Victims of accidents are often deprived of oxygen for extended periods of time as their blood fails to pump oxygen to the brain. But a new technique developed by Dr. Hasam Alan from Boston’s Massachusetts General Hospital will give accident victims a chance for survival they would have never had before. The chilling technique, however, will be sure to make patients’ blood run cold.
The groundbreaking technique involves pumping a specially designed solution at freezing cold temperatures into victims’ blood. The ensuing slowdown of metabolism due to extreme temperature would then keep oxygen starvation from occurring in the brain and thus extend the life of victims by several minutes. A case that would originally have ended in death could result instead in survival without mental debilitation or even as much tissue damage as before.
Some injuries already are treated by applying ice to reduce swelling, but this technique would work on a very different principle, relying on the solution to run through the veins and organs and even in some cases reach the brain. The incredible technique would then allow those injured to be transported to medical facilities as their body undergoes a form of torpor very similar to a snake in cold weather. Once they reach the hospital, the treatment they receive there would for all purposes be far quicker than had the patient been transported, continuing to sustain injury while in transport.

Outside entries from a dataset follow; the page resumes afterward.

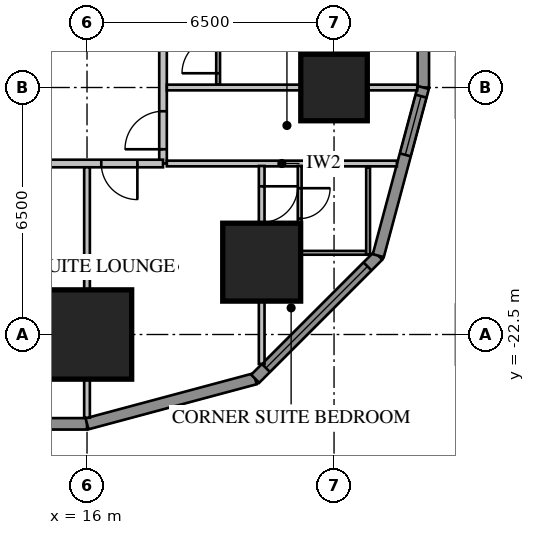
"""IFC4 building model, lengths in metres.
Left out: names, types, materials, properties, quantities, classifications, styles, units other than length and angle.
Written with IfcOpenShell. Run it as: python <this file> out.ifc"""

import sys

from ifc_helpers import new_model, si_unit, direction, frame, frame_2d, origin, origin_2d, place, context, subcontext, project, spatial, rectangle, extrude, element, fill, save


model = new_model("IFC4")
c1 = context("Model", 3, precision=1e-05, world=origin(), true_north=direction((0.0, 1.0)))
c2 = subcontext(c1, "Body", "Model", "MODEL_VIEW")
j1 = project(units=[si_unit("LENGTHUNIT", "METRE"), si_unit("PLANEANGLEUNIT", "RADIAN")], contexts=[c1])
p1 = place(None, origin())
s1 = spatial("IfcSite", under=j1, at=p1, CompositionType="ELEMENT")
p2 = place(p1, origin())
s2 = spatial("IfcBuilding", under=s1, at=p2, CompositionType="ELEMENT")
p3 = place(p2, frame((0.0, 0.0, 50.65)))
s3 = spatial("IfcBuildingStorey", under=s2, at=p3, CompositionType="ELEMENT", Elevation=50.65)
p4 = place(p3, frame((22.5, -16.0, 0.0), z_axis=(0.0, 0.0, 1.0), x_axis=(1.0, 0.0, 0.0)))
e1 = element("IfcColumn", 1, at=p4, inside=s3, PredefinedType="COLUMN", context=c2, shape_type="SweptSolid", body=[
    extrude(rectangle(XDim=1.75, YDim=1.75, at=origin_2d()), origin(), (0.0, 0.0, 1.0), 3.413),
])
p5 = place(p3, frame((16.0, -22.5, 0.0), z_axis=(0.0, 0.0, 1.0), x_axis=(1.0, 0.0, 0.0)))
e2 = element("IfcColumn", 2, at=p5, inside=s3, PredefinedType="COLUMN", context=c2, shape_type="SweptSolid", body=[
    extrude(rectangle(XDim=2.35, YDim=2.35, at=origin_2d()), origin(), (0.0, 0.0, 1.0), 3.413),
])
p6 = place(p3, frame((20.596, -20.596, 0.0), z_axis=(0.0, 0.0, 1.0), x_axis=(1.0, 0.0, 0.0)))
e3 = element("IfcColumn", 3, at=p6, inside=s3, PredefinedType="COLUMN", context=c2, shape_type="SweptSolid", body=[
    extrude(rectangle(XDim=2.05, YDim=2.05, at=origin_2d()), origin(), (0.0, 0.0, 1.0), 3.413),
])
p7 = place(p3, frame((24.85, -16.0, 0.0), z_axis=(0.0, 0.0, 1.0), x_axis=(0.0, 1.0, 0.0)))
e4 = element("IfcWall", 4, at=p7, inside=s3, PredefinedType="SOLIDWALL", context=c2, shape_type="SweptSolid", body=[
    extrude(rectangle(XDim=32.0, YDim=0.3, at=frame_2d((16.0, 0.0))), origin(), (0.0, 0.0, 1.0), 3.65),
])
p8 = place(p7, frame((1.2, 0.0, 0.75)))
e5 = element("IfcOpeningElement", 5, at=p8, cuts=e4, PredefinedType="OPENING", context=c2, shape_type="SweptSolid", body=[
    extrude(rectangle(XDim=1.6, YDim=1.8, at=frame_2d((0.8, 0.9))), frame((0.0, 0.17, 0.0), z_axis=(0.0, -1.0, 0.0), x_axis=(1.0, 0.0, 0.0)), (0.0, 0.0, 1.0), 0.34),
])
p9 = place(p7, frame((5.2, 0.0, 0.75)))
e6 = element("IfcOpeningElement", 6, at=p9, cuts=e4, PredefinedType="OPENING", context=c2, shape_type="SweptSolid", body=[
    extrude(rectangle(XDim=1.6, YDim=1.8, at=frame_2d((0.8, 0.9))), frame((0.0, 0.17, 0.0), z_axis=(0.0, -1.0, 0.0), x_axis=(1.0, 0.0, 0.0)), (0.0, 0.0, 1.0), 0.34),
])
p10 = place(p7, frame((17.2, 0.0, 0.75)))
e7 = element("IfcOpeningElement", 7, at=p10, cuts=e4, PredefinedType="OPENING", context=c2, shape_type="SweptSolid", body=[
    extrude(rectangle(XDim=1.6, YDim=1.8, at=frame_2d((0.8, 0.9))), frame((0.0, 0.17, 0.0), z_axis=(0.0, -1.0, 0.0), x_axis=(1.0, 0.0, 0.0)), (0.0, 0.0, 1.0), 0.34),
])
p11 = place(p7, frame((21.2, 0.0, 0.75)))
e8 = element("IfcOpeningElement", 8, at=p11, cuts=e4, PredefinedType="OPENING", context=c2, shape_type="SweptSolid", body=[
    extrude(rectangle(XDim=1.6, YDim=1.8, at=frame_2d((0.8, 0.9))), frame((0.0, 0.17, 0.0), z_axis=(0.0, -1.0, 0.0), x_axis=(1.0, 0.0, 0.0)), (0.0, 0.0, 1.0), 0.34),
])
p12 = place(p7, frame((25.2, 0.0, 0.75)))
e9 = element("IfcOpeningElement", 9, at=p12, cuts=e4, PredefinedType="OPENING", context=c2, shape_type="SweptSolid", body=[
    extrude(rectangle(XDim=1.6, YDim=1.8, at=frame_2d((0.8, 0.9))), frame((0.0, 0.17, 0.0), z_axis=(0.0, -1.0, 0.0), x_axis=(1.0, 0.0, 0.0)), (0.0, 0.0, 1.0), 0.34),
])
p13 = place(p7, frame((29.2, 0.0, 0.75)))
e10 = element("IfcOpeningElement", 10, at=p13, cuts=e4, PredefinedType="OPENING", context=c2, shape_type="SweptSolid", body=[
    extrude(rectangle(XDim=1.6, YDim=1.8, at=frame_2d((0.8, 0.9))), frame((0.0, 0.17, 0.0), z_axis=(0.0, -1.0, 0.0), x_axis=(1.0, 0.0, 0.0)), (0.0, 0.0, 1.0), 0.34),
])
p14 = place(p7, frame((8.8, 0.0, 0.75)))
e11 = element("IfcOpeningElement", 11, at=p14, cuts=e4, PredefinedType="OPENING", context=c2, shape_type="SweptSolid", body=[
    extrude(rectangle(XDim=2.4, YDim=1.8, at=frame_2d((1.2, 0.9))), frame((0.0, 0.17, 0.0), z_axis=(0.0, -1.0, 0.0), x_axis=(1.0, 0.0, 0.0)), (0.0, 0.0, 1.0), 0.34),
])
p15 = place(p7, frame((13.812, 0.0, 0.0)))
e12 = element("IfcOpeningElement", 12, at=p15, cuts=e4, PredefinedType="OPENING", context=c2, shape_type="SweptSolid", body=[
    extrude(rectangle(XDim=1.0, YDim=2.4, at=frame_2d((0.5, 1.2))), frame((0.0, 0.17, 0.0), z_axis=(0.0, -1.0, 0.0), x_axis=(1.0, 0.0, 0.0)), (0.0, 0.0, 1.0), 0.34),
])
p16 = place(p3, frame((-16.0, -24.85, 0.0), z_axis=(0.0, 0.0, 1.0), x_axis=(1.0, 0.0, 0.0)))
e13 = element("IfcWall", 13, at=p16, inside=s3, PredefinedType="SOLIDWALL", context=c2, shape_type="SweptSolid", body=[
    extrude(rectangle(XDim=32.0, YDim=0.3, at=frame_2d((16.0, 0.0))), origin(), (0.0, 0.0, 1.0), 3.65),
])
p17 = place(p16, frame((1.2, 0.0, 0.75)))
e14 = element("IfcOpeningElement", 14, at=p17, cuts=e13, PredefinedType="OPENING", context=c2, shape_type="SweptSolid", body=[
    extrude(rectangle(XDim=1.6, YDim=1.8, at=frame_2d((0.8, 0.9))), frame((0.0, 0.17, 0.0), z_axis=(0.0, -1.0, 0.0), x_axis=(1.0, 0.0, 0.0)), (0.0, 0.0, 1.0), 0.34),
])
p18 = place(p16, frame((5.2, 0.0, 0.75)))
e15 = element("IfcOpeningElement", 15, at=p18, cuts=e13, PredefinedType="OPENING", context=c2, shape_type="SweptSolid", body=[
    extrude(rectangle(XDim=1.6, YDim=1.8, at=frame_2d((0.8, 0.9))), frame((0.0, 0.17, 0.0), z_axis=(0.0, -1.0, 0.0), x_axis=(1.0, 0.0, 0.0)), (0.0, 0.0, 1.0), 0.34),
])
p19 = place(p16, frame((17.2, 0.0, 0.75)))
e16 = element("IfcOpeningElement", 16, at=p19, cuts=e13, PredefinedType="OPENING", context=c2, shape_type="SweptSolid", body=[
    extrude(rectangle(XDim=1.6, YDim=1.8, at=frame_2d((0.8, 0.9))), frame((0.0, 0.17, 0.0), z_axis=(0.0, -1.0, 0.0), x_axis=(1.0, 0.0, 0.0)), (0.0, 0.0, 1.0), 0.34),
])
p20 = place(p16, frame((21.2, 0.0, 0.75)))
e17 = element("IfcOpeningElement", 17, at=p20, cuts=e13, PredefinedType="OPENING", context=c2, shape_type="SweptSolid", body=[
    extrude(rectangle(XDim=1.6, YDim=1.8, at=frame_2d((0.8, 0.9))), frame((0.0, 0.17, 0.0), z_axis=(0.0, -1.0, 0.0), x_axis=(1.0, 0.0, 0.0)), (0.0, 0.0, 1.0), 0.34),
])
p21 = place(p16, frame((25.2, 0.0, 0.75)))
e18 = element("IfcOpeningElement", 18, at=p21, cuts=e13, PredefinedType="OPENING", context=c2, shape_type="SweptSolid", body=[
    extrude(rectangle(XDim=1.6, YDim=1.8, at=frame_2d((0.8, 0.9))), frame((0.0, 0.17, 0.0), z_axis=(0.0, -1.0, 0.0), x_axis=(1.0, 0.0, 0.0)), (0.0, 0.0, 1.0), 0.34),
])
p22 = place(p16, frame((29.2, 0.0, 0.75)))
e19 = element("IfcOpeningElement", 19, at=p22, cuts=e13, PredefinedType="OPENING", context=c2, shape_type="SweptSolid", body=[
    extrude(rectangle(XDim=1.6, YDim=1.8, at=frame_2d((0.8, 0.9))), frame((0.0, 0.17, 0.0), z_axis=(0.0, -1.0, 0.0), x_axis=(1.0, 0.0, 0.0)), (0.0, 0.0, 1.0), 0.34),
])
p23 = place(p16, frame((8.8, 0.0, 0.75)))
e20 = element("IfcOpeningElement", 20, at=p23, cuts=e13, PredefinedType="OPENING", context=c2, shape_type="SweptSolid", body=[
    extrude(rectangle(XDim=2.4, YDim=1.8, at=frame_2d((1.2, 0.9))), frame((0.0, 0.17, 0.0), z_axis=(0.0, -1.0, 0.0), x_axis=(1.0, 0.0, 0.0)), (0.0, 0.0, 1.0), 0.34),
])
p24 = place(p16, frame((13.812, 0.0, 0.0)))
e21 = element("IfcOpeningElement", 21, at=p24, cuts=e13, PredefinedType="OPENING", context=c2, shape_type="SweptSolid", body=[
    extrude(rectangle(XDim=1.0, YDim=2.4, at=frame_2d((0.5, 1.2))), frame((0.0, 0.17, 0.0), z_axis=(0.0, -1.0, 0.0), x_axis=(1.0, 0.0, 0.0)), (0.0, 0.0, 1.0), 0.34),
])
p25 = place(p3, frame((16.0, -24.85, 0.0), z_axis=(0.0, 0.0, 1.0), x_axis=(0.965920218567, 0.258839972501, 0.0)))
e22 = element("IfcWall", 22, at=p25, inside=s3, PredefinedType="SOLIDWALL", context=c2, shape_type="SweptSolid", body=[
    extrude(rectangle(XDim=4.581, YDim=0.3, at=frame_2d((2.291, 0.0))), origin(), (0.0, 0.0, 1.0), 3.65),
])
p26 = place(p3, frame((20.425, -23.664, 0.0), z_axis=(0.0, 0.0, 1.0), x_axis=(0.707106781187, 0.707106781187, 0.0)))
e23 = element("IfcWall", 23, at=p26, inside=s3, PredefinedType="SOLIDWALL", context=c2, shape_type="SweptSolid", body=[
    extrude(rectangle(XDim=4.581, YDim=0.3, at=frame_2d((2.291, 0.0))), origin(), (0.0, 0.0, 1.0), 3.65),
])
p27 = place(p26, frame((0.4, 0.0, 0.75)))
e24 = element("IfcOpeningElement", 24, at=p27, cuts=e23, PredefinedType="OPENING", context=c2, shape_type="SweptSolid", body=[
    extrude(rectangle(XDim=3.781, YDim=1.8, at=frame_2d((1.891, 0.9))), frame((0.0, 0.17, 0.0), z_axis=(0.0, -1.0, 0.0), x_axis=(1.0, 0.0, 0.0)), (0.0, 0.0, 1.0), 0.34),
])
p28 = place(p3, frame((23.664, -20.425, 0.0), z_axis=(0.0, 0.0, 1.0), x_axis=(0.258839972501, 0.965920218567, 0.0)))
e25 = element("IfcWall", 25, at=p28, inside=s3, PredefinedType="SOLIDWALL", context=c2, shape_type="SweptSolid", body=[
    extrude(rectangle(XDim=4.581, YDim=0.3, at=frame_2d((2.291, 0.0))), origin(), (0.0, 0.0, 1.0), 3.65),
])
p29 = place(p28, frame((2.746, 0.0, 0.75)))
e26 = element("IfcOpeningElement", 26, at=p29, cuts=e25, PredefinedType="OPENING", context=c2, shape_type="SweptSolid", body=[
    extrude(rectangle(XDim=1.6, YDim=1.8, at=frame_2d((0.8, 0.9))), frame((0.0, 0.17, 0.0), z_axis=(0.0, -1.0, 0.0), x_axis=(1.0, 0.0, 0.0)), (0.0, 0.0, 1.0), 0.34),
])
p30 = place(p3, frame((18.0, -18.0, 0.0), z_axis=(0.0, 0.0, 1.0), x_axis=(0.0, 1.0, 0.0)))
e27 = element("IfcWall", 27, at=p30, inside=s3, PredefinedType="PARTITIONING", context=c2, shape_type="SweptSolid", body=[
    extrude(rectangle(XDim=36.0, YDim=0.2, at=frame_2d((18.0, 0.0))), origin(), (0.0, 0.0, 1.0), 3.65),
])
p31 = place(p30, frame((10.4, 0.0, 0.0)))
e28 = element("IfcOpeningElement", 28, at=p31, cuts=e27, PredefinedType="OPENING", context=c2, shape_type="SweptSolid", body=[
    extrude(rectangle(XDim=1.0, YDim=2.1, at=frame_2d((0.5, 1.05))), frame((0.0, 0.12, 0.0), z_axis=(0.0, -1.0, 0.0), x_axis=(1.0, 0.0, 0.0)), (0.0, 0.0, 1.0), 0.24),
])
p32 = place(p30, frame((14.4, 0.0, 0.0)))
e29 = element("IfcOpeningElement", 29, at=p32, cuts=e27, PredefinedType="OPENING", context=c2, shape_type="SweptSolid", body=[
    extrude(rectangle(XDim=1.0, YDim=2.1, at=frame_2d((0.5, 1.05))), frame((0.0, 0.12, 0.0), z_axis=(0.0, -1.0, 0.0), x_axis=(1.0, 0.0, 0.0)), (0.0, 0.0, 1.0), 0.24),
])
p33 = place(p30, frame((0.375, 0.0, 0.0)))
e30 = element("IfcOpeningElement", 30, at=p33, cuts=e27, PredefinedType="OPENING", context=c2, shape_type="SweptSolid", body=[
    extrude(rectangle(XDim=1.0, YDim=2.1, at=frame_2d((0.5, 1.05))), frame((0.0, 0.12, 0.0), z_axis=(0.0, -1.0, 0.0), x_axis=(1.0, 0.0, 0.0)), (0.0, 0.0, 1.0), 0.24),
])
p34 = place(p30, frame((34.375, 0.0, 0.0)))
e31 = element("IfcOpeningElement", 31, at=p34, cuts=e27, PredefinedType="OPENING", context=c2, shape_type="SweptSolid", body=[
    extrude(rectangle(XDim=0.95, YDim=2.1, at=frame_2d((0.475, 1.05))), frame((0.0, 0.12, 0.0), z_axis=(0.0, -1.0, 0.0), x_axis=(1.0, 0.0, 0.0)), (0.0, 0.0, 1.0), 0.24),
])
p35 = place(p3, frame((19.45, -15.925, 0.0), z_axis=(0.0, 0.0, 1.0), x_axis=(0.0, 1.0, 0.0)))
e32 = element("IfcWall", 32, at=p35, inside=s3, PredefinedType="PARTITIONING", context=c2, shape_type="SweptSolid", body=[
    extrude(rectangle(XDim=11.85, YDim=0.1, at=frame_2d((5.925, 0.0))), origin(), (0.0, 0.0, 1.0), 3.65),
])
p36 = place(p35, frame((10.125, 0.0, 0.0)))
e33 = element("IfcOpeningElement", 33, at=p36, cuts=e32, PredefinedType="OPENING", context=c2, shape_type="SweptSolid", body=[
    extrude(rectangle(XDim=1.0, YDim=2.1, at=frame_2d((0.5, 1.05))), frame((0.0, 0.07, 0.0), z_axis=(0.0, -1.0, 0.0), x_axis=(1.0, 0.0, 0.0)), (0.0, 0.0, 1.0), 0.14),
])
p37 = place(p35, frame((8.3, 0.0, 0.0)))
e34 = element("IfcOpeningElement", 34, at=p37, cuts=e32, PredefinedType="OPENING", context=c2, shape_type="SweptSolid", body=[
    extrude(rectangle(XDim=0.8, YDim=2.1, at=frame_2d((0.4, 1.05))), frame((0.0, 0.07, 0.0), z_axis=(0.0, -1.0, 0.0), x_axis=(1.0, 0.0, 0.0)), (0.0, 0.0, 1.0), 0.14),
])
p38 = place(p35, frame((0.3, 0.0, 0.0)))
e35 = element("IfcOpeningElement", 35, at=p38, cuts=e32, PredefinedType="OPENING", context=c2, shape_type="SweptSolid", body=[
    extrude(rectangle(XDim=0.95, YDim=2.1, at=frame_2d((0.475, 1.05))), frame((0.0, 0.07, 0.0), z_axis=(0.0, -1.0, 0.0), x_axis=(1.0, 0.0, 0.0)), (0.0, 0.0, 1.0), 0.14),
])
p39 = place(p35, frame((4.3, 0.0, 0.0)))
e36 = element("IfcOpeningElement", 36, at=p39, cuts=e32, PredefinedType="OPENING", context=c2, shape_type="SweptSolid", body=[
    extrude(rectangle(XDim=0.95, YDim=2.1, at=frame_2d((0.475, 1.05))), frame((0.0, 0.07, 0.0), z_axis=(0.0, -1.0, 0.0), x_axis=(1.0, 0.0, 0.0)), (0.0, 0.0, 1.0), 0.14),
])
p40 = place(p3, frame((18.1, -18.0, 0.0), z_axis=(0.0, 0.0, 1.0), x_axis=(1.0, 0.0, 0.0)))
e37 = element("IfcWall", 37, at=p40, inside=s3, PredefinedType="PARTITIONING", context=c2, shape_type="SweptSolid", body=[
    extrude(rectangle(XDim=6.053, YDim=0.15, at=frame_2d((3.027, 0.0))), origin(), (0.0, 0.0, 1.0), 3.65),
])
p41 = place(p3, frame((18.1, -16.0, 0.0), z_axis=(0.0, 0.0, 1.0), x_axis=(1.0, 0.0, 0.0)))
e38 = element("IfcWall", 38, at=p41, inside=s3, PredefinedType="PARTITIONING", context=c2, shape_type="SweptSolid", body=[
    extrude(rectangle(XDim=6.589, YDim=0.15, at=frame_2d((3.295, 0.0))), origin(), (0.0, 0.0, 1.0), 3.65),
])
p42 = place(p3, frame((-18.0, -18.0, 0.0), z_axis=(0.0, 0.0, 1.0), x_axis=(1.0, 0.0, 0.0)))
e39 = element("IfcWall", 39, at=p42, inside=s3, PredefinedType="PARTITIONING", context=c2, shape_type="SweptSolid", body=[
    extrude(rectangle(XDim=36.0, YDim=0.2, at=frame_2d((18.0, 0.0))), origin(), (0.0, 0.0, 1.0), 3.65),
])
p43 = place(p42, frame((0.375, 0.0, 0.0)))
e40 = element("IfcOpeningElement", 40, at=p43, cuts=e39, PredefinedType="OPENING", context=c2, shape_type="SweptSolid", body=[
    extrude(rectangle(XDim=1.0, YDim=2.1, at=frame_2d((0.5, 1.05))), frame((0.0, 0.12, 0.0), z_axis=(0.0, -1.0, 0.0), x_axis=(1.0, 0.0, 0.0)), (0.0, 0.0, 1.0), 0.24),
])
p44 = place(p42, frame((2.45, 0.0, 0.0)))
e41 = element("IfcOpeningElement", 41, at=p44, cuts=e39, PredefinedType="OPENING", context=c2, shape_type="SweptSolid", body=[
    extrude(rectangle(XDim=0.8, YDim=2.1, at=frame_2d((0.4, 1.05))), frame((0.0, 0.12, 0.0), z_axis=(0.0, -1.0, 0.0), x_axis=(1.0, 0.0, 0.0)), (0.0, 0.0, 1.0), 0.24),
])
p45 = place(p42, frame((4.05, 0.0, 0.0)))
e42 = element("IfcOpeningElement", 42, at=p45, cuts=e39, PredefinedType="OPENING", context=c2, shape_type="SweptSolid", body=[
    extrude(rectangle(XDim=1.0, YDim=2.1, at=frame_2d((0.5, 1.05))), frame((0.0, 0.12, 0.0), z_axis=(0.0, -1.0, 0.0), x_axis=(1.0, 0.0, 0.0)), (0.0, 0.0, 1.0), 0.24),
])
p46 = place(p42, frame((6.45, 0.0, 0.0)))
e43 = element("IfcOpeningElement", 43, at=p46, cuts=e39, PredefinedType="OPENING", context=c2, shape_type="SweptSolid", body=[
    extrude(rectangle(XDim=0.9, YDim=2.1, at=frame_2d((0.45, 1.05))), frame((0.0, 0.12, 0.0), z_axis=(0.0, -1.0, 0.0), x_axis=(1.0, 0.0, 0.0)), (0.0, 0.0, 1.0), 0.24),
])
p47 = place(p42, frame((8.15, 0.0, 0.0)))
e44 = element("IfcOpeningElement", 44, at=p47, cuts=e39, PredefinedType="OPENING", context=c2, shape_type="SweptSolid", body=[
    extrude(rectangle(XDim=1.0, YDim=2.1, at=frame_2d((0.5, 1.05))), frame((0.0, 0.12, 0.0), z_axis=(0.0, -1.0, 0.0), x_axis=(1.0, 0.0, 0.0)), (0.0, 0.0, 1.0), 0.24),
])
p48 = place(p42, frame((19.95, 0.0, 0.0)))
e45 = element("IfcOpeningElement", 45, at=p48, cuts=e39, PredefinedType="OPENING", context=c2, shape_type="SweptSolid", body=[
    extrude(rectangle(XDim=0.95, YDim=2.1, at=frame_2d((0.475, 1.05))), frame((0.0, 0.12, 0.0), z_axis=(0.0, -1.0, 0.0), x_axis=(1.0, 0.0, 0.0)), (0.0, 0.0, 1.0), 0.24),
])
p49 = place(p42, frame((23.95, 0.0, 0.0)))
e46 = element("IfcOpeningElement", 46, at=p49, cuts=e39, PredefinedType="OPENING", context=c2, shape_type="SweptSolid", body=[
    extrude(rectangle(XDim=0.95, YDim=2.1, at=frame_2d((0.475, 1.05))), frame((0.0, 0.12, 0.0), z_axis=(0.0, -1.0, 0.0), x_axis=(1.0, 0.0, 0.0)), (0.0, 0.0, 1.0), 0.24),
])
p50 = place(p42, frame((27.95, 0.0, 0.0)))
e47 = element("IfcOpeningElement", 47, at=p50, cuts=e39, PredefinedType="OPENING", context=c2, shape_type="SweptSolid", body=[
    extrude(rectangle(XDim=0.95, YDim=2.1, at=frame_2d((0.475, 1.05))), frame((0.0, 0.12, 0.0), z_axis=(0.0, -1.0, 0.0), x_axis=(1.0, 0.0, 0.0)), (0.0, 0.0, 1.0), 0.24),
])
p51 = place(p42, frame((31.95, 0.0, 0.0)))
e48 = element("IfcOpeningElement", 48, at=p51, cuts=e39, PredefinedType="OPENING", context=c2, shape_type="SweptSolid", body=[
    extrude(rectangle(XDim=0.95, YDim=2.1, at=frame_2d((0.475, 1.05))), frame((0.0, 0.12, 0.0), z_axis=(0.0, -1.0, 0.0), x_axis=(1.0, 0.0, 0.0)), (0.0, 0.0, 1.0), 0.24),
])
p52 = place(p42, frame((34.375, 0.0, 0.0)))
e49 = element("IfcOpeningElement", 49, at=p52, cuts=e39, PredefinedType="OPENING", context=c2, shape_type="SweptSolid", body=[
    extrude(rectangle(XDim=0.95, YDim=2.1, at=frame_2d((0.475, 1.05))), frame((0.0, 0.12, 0.0), z_axis=(0.0, -1.0, 0.0), x_axis=(1.0, 0.0, 0.0)), (0.0, 0.0, 1.0), 0.24),
])
p53 = place(p42, frame((11.2, 0.0, 0.0)))
e50 = element("IfcOpeningElement", 50, at=p53, cuts=e39, PredefinedType="OPENING", context=c2, shape_type="SweptSolid", body=[
    extrude(rectangle(XDim=1.0, YDim=2.1, at=frame_2d((0.5, 1.05))), frame((0.0, 0.12, 0.0), z_axis=(0.0, -1.0, 0.0), x_axis=(1.0, 0.0, 0.0)), (0.0, 0.0, 1.0), 0.24),
])
p54 = place(p3, frame((16.0, -18.1, 0.0), z_axis=(0.0, 0.0, 1.0), x_axis=(0.0, -1.0, 0.0)))
e51 = element("IfcWall", 51, at=p54, inside=s3, PredefinedType="PARTITIONING", context=c2, shape_type="SweptSolid", body=[
    extrude(rectangle(XDim=6.589, YDim=0.15, at=frame_2d((3.295, 0.0))), origin(), (0.0, 0.0, 1.0), 3.65),
])
p55 = place(p3, frame((21.596, -18.065, 0.0), z_axis=(0.0, 0.0, 1.0), x_axis=(0.0, -1.0, 0.0)))
e52 = element("IfcWall", 52, at=p55, inside=s3, PredefinedType="PARTITIONING", context=c2, shape_type="SweptSolid", body=[
    extrude(rectangle(XDim=2.335, YDim=0.1, at=frame_2d((1.167, 0.0))), origin(), (0.0, 0.0, 1.0), 3.65),
])
p56 = place(p55, frame((0.585, 0.0, 0.0)))
e53 = element("IfcOpeningElement", 53, at=p56, cuts=e52, PredefinedType="OPENING", context=c2, shape_type="SweptSolid", body=[
    extrude(rectangle(XDim=0.8, YDim=2.1, at=frame_2d((0.4, 1.05))), frame((0.0, 0.07, 0.0), z_axis=(0.0, -1.0, 0.0), x_axis=(1.0, 0.0, 0.0)), (0.0, 0.0, 1.0), 0.14),
])
p57 = place(p3, frame((21.646, -20.35, 0.0), z_axis=(0.0, 0.0, 1.0), x_axis=(1.0, 0.0, 0.0)))
e54 = element("IfcWall", 54, at=p57, inside=s3, PredefinedType="PARTITIONING", context=c2, shape_type="SweptSolid", body=[
    extrude(rectangle(XDim=1.7, YDim=0.1, at=frame_2d((0.85, 0.0))), origin(), (0.0, 0.0, 1.0), 3.65),
])
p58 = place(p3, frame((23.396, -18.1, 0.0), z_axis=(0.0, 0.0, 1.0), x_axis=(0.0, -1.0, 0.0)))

The technique has already been tested on hundreds of pigs with a large amount of success, and is scheduled for trials on humans soon.
If successful, this cryogenic medical breakthrough could help accident victims as well as those working in hazardous environments and even soldiers. But perhaps most interesting is what technology could follow the new breakthrough discovery.
Could we eventually see cryogenic injector packs that can be applied in the field as well? With the improvement of robotics and other automated systems, could we one day see an injury response system that injects soldiers in the field with the freezing substance immediately after injury thanks to an automated unit installed in specially designed armor? And with this cryogenics technology becoming ever more advanced could it eventually even make its way into the cryogenic preservation field? Could we one day be able to freeze ourselves far more effectively after death only to be revived later thanks to this incredible technology?
With an average of 115 people dying from car accidents each day in the United States alone, there is no shortage of a need for change in how paramedics are able to rescue the victims of auto accidents. Industrial mishaps additionally claim countless more lives per year. But with job sites with trained medical professionals to administer a cryogenic freezing agent, the future may see fewer fatalities and permanent injuries.